Discourse Analysis: A Tool for Helping Educators to Teach Science
DOI:
https://doi.org/10.17169/fqs-18.1.2397Keywords:
teachers as researchers, collaborative inquiry, discourse analysis, companion meaningsAbstract
This article refers to a part of a collaborative action research project in three elementary science classrooms. The project aims at the transformation of the nature and type of teachers' discursive practices into more collaborative inquiries. The basic strategy is to give the teachers the opportunity to analyze their discourse using a three-dimensional context of analysis. The teachers analyzed their discursive repertoires when teaching science.

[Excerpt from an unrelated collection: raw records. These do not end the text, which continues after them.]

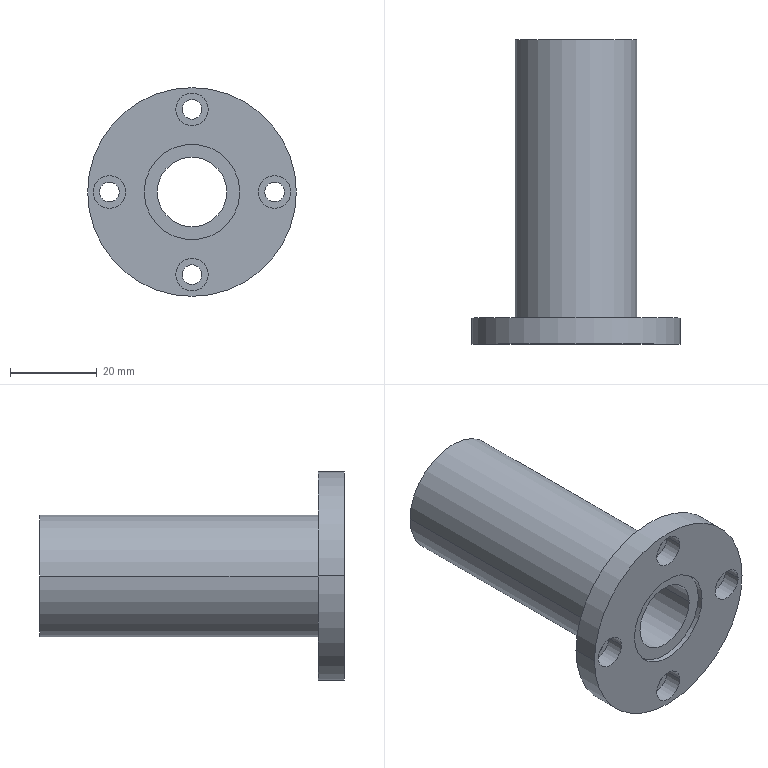Component | SolidWorks | SL021-1RoundFlangeExtendedType-416.SL4PRT-4 | 1 solid | 35 faces | box 48 x 70 x 48 mm | volume 34916 mm3 | cylinder 26 | plane 9 | commonest cylinder face diameters 4.5 x8 7.5 x8 22 x4 28 x2 48 x2 16 x2 | material Q235
STEP:
#1=COLOUR_RGB('',0.7922,0.8196,0.9333);
#2=FILL_AREA_STYLE_COLOUR('',#1);
#3=FILL_AREA_STYLE('',(#2));
#4=SURFACE_STYLE_FILL_AREA(#3);
#5=SURFACE_SIDE_STYLE('',(#4));
#6=SURFACE_STYLE_USAGE(.BOTH.,#5);
#7=PRESENTATION_STYLE_ASSIGNMENT((#6));
#8=CARTESIAN_POINT('',(-2.762,-0.807,0.1426));
#9=VERTEX_POINT('',#8);
#10=CARTESIAN_POINT('',(-1.66,-0.807,0.1426));
#11=VERTEX_POINT('',#10);
#12=CARTESIAN_POINT('',(-2.211,-0.807,0.1426));
#13=DIRECTION('',(-0.,1.,-0.));
#14=DIRECTION('',(-1.,0.,0.));
#15=AXIS2_PLACEMENT_3D('',#12,#13,#14);
#16=CIRCLE('',#15,0.5512);
#17=EDGE_CURVE('',#9,#11,#16,.T.);
#18=ORIENTED_EDGE('',*,*,#17,.T.);
#19=CARTESIAN_POINT('',(-1.66,1.713,0.1426));
#20=VERTEX_POINT('',#19);
#21=CARTESIAN_POINT('',(-1.66,1.713,0.1426));
#22=DIRECTION('',(-0.,1.,-0.));
#23=VECTOR('',#22,39.37);
#24=LINE('',#21,#23);
#25=EDGE_CURVE('',#11,#20,#24,.T.);
#26=ORIENTED_EDGE('',*,*,#25,.T.);
#27=CARTESIAN_POINT('',(-2.762,1.713,0.1426));
#28=VERTEX_POINT('',#27);
#29=CARTESIAN_POINT('',(-2.211,1.713,0.1426));
#30=DIRECTION('',(0.,-1.,0.));
#31=DIRECTION('',(-1.,0.,0.));
#32=AXIS2_PLACEMENT_3D('',#29,#30,#31);
#33=CIRCLE('',#32,0.5512);
#34=EDGE_CURVE('',#20,#28,#33,.T.);
#35=ORIENTED_EDGE('',*,*,#34,.T.);
#36=CARTESIAN_POINT('',(-2.762,1.713,0.1426));
#37=DIRECTION('',(-0.,1.,-0.));
#38=VECTOR('',#37,39.37);
#39=LINE('',#36,#38);
#40=EDGE_CURVE('',#9,#28,#39,.T.);
#41=ORIENTED_EDGE('',*,*,#40,.F.);
#42=EDGE_LOOP('',(#18,#26,#35,#41));
#43=FACE_OUTER_BOUND('',#42,.T.);
#44=CARTESIAN_POINT('',(-2.211,1.713,0.1426));
#45=DIRECTION('',(-0.,1.,-0.));
#46=DIRECTION('',(-1.,0.,0.));
#47=AXIS2_PLACEMENT_3D('',#44,#45,#46);
#48=CYLINDRICAL_SURFACE('',#47,0.5512);
#49=ADVANCED_FACE('',(#43),#48,.T.);
#50=CARTESIAN_POINT('',(-1.778,1.665,0.1426));
#51=VERTEX_POINT('',#50);
#52=CARTESIAN_POINT('',(-2.644,1.665,0.1426));
#53=VERTEX_POINT('',#52);
#54=CARTESIAN_POINT('',(-2.211,1.665,0.1426));
#55=DIRECTION('',(-0.,1.,-0.));
#56=DIRECTION('',(-1.,0.,0.));
#57=AXIS2_PLACEMENT_3D('',#54,#55,#56);
#58=CIRCLE('',#57,0.4331);
#59=EDGE_CURVE('',#51,#53,#58,.T.);
#60=ORIENTED_EDGE('',*,*,#59,.F.);
#61=CARTESIAN_POINT('',(-1.778,1.713,0.1426));
#62=VERTEX_POINT('',#61);
#63=CARTESIAN_POINT('',(-1.778,1.713,0.1426));
#64=DIRECTION('',(-0.,1.,-0.));
#65=VECTOR('',#64,39.37);
#66=LINE('',#63,#65);
#67=EDGE_CURVE('',#51,#62,#66,.T.);
#68=ORIENTED_EDGE('',*,*,#67,.T.);
#69=CARTESIAN_POINT('',(-2.644,1.713,0.1426));
#70=VERTEX_POINT('',#69);
#71=CARTESIAN_POINT('',(-2.211,1.713,0.1426));
#72=DIRECTION('',(0.,-1.,0.));
#73=DIRECTION('',(-1.,0.,0.));
#74=AXIS2_PLACEMENT_3D('',#71,#72,#73);
#75=CIRCLE('',#74,0.4331);
#76=EDGE_CURVE('',#70,#62,#75,.T.);
#77=ORIENTED_EDGE('',*,*,#76,.F.);
#78=CARTESIAN_POINT('',(-2.644,1.713,0.1426));
#79=DIRECTION('',(-0.,1.,-0.));
#80=VECTOR('',#79,39.37);
#81=LINE('',#78,#80);
#82=EDGE_CURVE('',#53,#70,#81,.T.);
#83=ORIENTED_EDGE('',*,*,#82,.F.);
#84=EDGE_LOOP('',(#60,#68,#77,#83));
#85=FACE_OUTER_BOUND('',#84,.T.);
#86=CARTESIAN_POINT('',(-2.211,1.713,0.1426));
#87=DIRECTION('',(-0.,1.,-0.));
#88=DIRECTION('',(-1.,0.,0.));
#89=AXIS2_PLACEMENT_3D('',#86,#87,#88);
#90=CYLINDRICAL_SURFACE('',#89,0.4331);
#91=ADVANCED_FACE('',(#85),#90,.F.);
#92=CARTESIAN_POINT('',(-3.156,-1.043,0.1426));
#93=VERTEX_POINT('',#92);
#94=CARTESIAN_POINT('',(-1.266,-1.043,0.1426));
#95=VERTEX_POINT('',#94);
#96=CARTESIAN_POINT('',(-2.211,-1.043,0.1426));
#97=DIRECTION('',(-0.,1.,-0.));
#98=DIRECTION('',(-1.,0.,0.));
#99=AXIS2_PLACEMENT_3D('',#96,#97,#98);
#100=CIRCLE('',#99,0.9449);
#101=EDGE_CURVE('',#93,#95,#100,.T.);
#102=ORIENTED_EDGE('',*,*,#101,.T.);
#103=CARTESIAN_POINT('',(-1.266,-0.807,0.1426));
#104=VERTEX_POINT('',#103);
#105=CARTESIAN_POINT('',(-1.266,1.713,0.1426));
#106=DIRECTION('',(-0.,1.,-0.));
#107=VECTOR('',#106,39.37);
#108=LINE('',#105,#107);
#109=EDGE_CURVE('',#95,#104,#108,.T.);
#110=ORIENTED_EDGE('',*,*,#109,.T.);
#111=CARTESIAN_POINT('',(-3.156,-0.807,0.1426));
#112=VERTEX_POINT('',#111);
#113=CARTESIAN_POINT('',(-2.211,-0.807,0.1426));
#114=DIRECTION('',(-0.,1.,-0.));
#115=DIRECTION('',(-1.,0.,0.));
#116=AXIS2_PLACEMENT_3D('',#113,#114,#115);
#117=CIRCLE('',#116,0.9449);
#118=EDGE_CURVE('',#112,#104,#117,.T.);
#119=ORIENTED_EDGE('',*,*,#118,.F.);
#120=CARTESIAN_POINT('',(-3.156,1.713,0.1426));
#121=DIRECTION('',(-0.,1.,-0.));
#122=VECTOR('',#121,39.37);
#123=LINE('',#120,#122);
#124=EDGE_CURVE('',#93,#112,#123,.T.);
#125=ORIENTED_EDGE('',*,*,#124,.F.);
#126=EDGE_LOOP('',(#102,#110,#119,#125));
#127=FACE_OUTER_BOUND('',#126,.T.);
#128=CARTESIAN_POINT('',(-2.211,1.713,0.1426));
#129=DIRECTION('',(-0.,1.,-0.));
#130=DIRECTION('',(-1.,0.,0.));
#131=AXIS2_PLACEMENT_3D('',#128,#129,#130);
#132=CYLINDRICAL_SURFACE('',#131,0.9449);
#133=ADVANCED_FACE('',(#127),#132,.T.);
#134=CARTESIAN_POINT('',(-2.3,-0.807,0.8906));
#135=VERTEX_POINT('',#134);
#136=CARTESIAN_POINT('',(-2.123,-0.807,0.8906));
#137=VERTEX_POINT('',#136);
#138=CARTESIAN_POINT('',(-2.211,-0.807,0.8906));
#139=DIRECTION('',(0.,-1.,0.));
#140=DIRECTION('',(1.,0.,0.));
#141=AXIS2_PLACEMENT_3D('',#138,#139,#140);
#142=CIRCLE('',#141,0.08858);
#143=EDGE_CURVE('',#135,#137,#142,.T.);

They studied the companion meaning, i.e., the different layers of explicit and tacit messages they communicate about Nature of Science (NoS), Nature of Teaching (NoT), and Nature of Language (NoL). The question investigated is the following: Could an action research program, which involves teachers in the analysis of their own discursive practices, lead to the transformation of discourse modes that take place in the science classrooms to better communicate aspects of NoS, NoT and NoL in a collaborative, inquiry-based context? Results indicate that the teachers' involvement in their discourse analysis led to a transformation in the discursive repertoires in their science classrooms. Gradually, the teachers' companion meanings that were created, implicitly/explicitly, from the dialogues taking place during science lessons were more appropriate for the establishment of a productive collaborative inquiry learning context. We argue that discourse analysis could be used for research purposes, as a training medium or as a reflective tool on how teachers communicate science.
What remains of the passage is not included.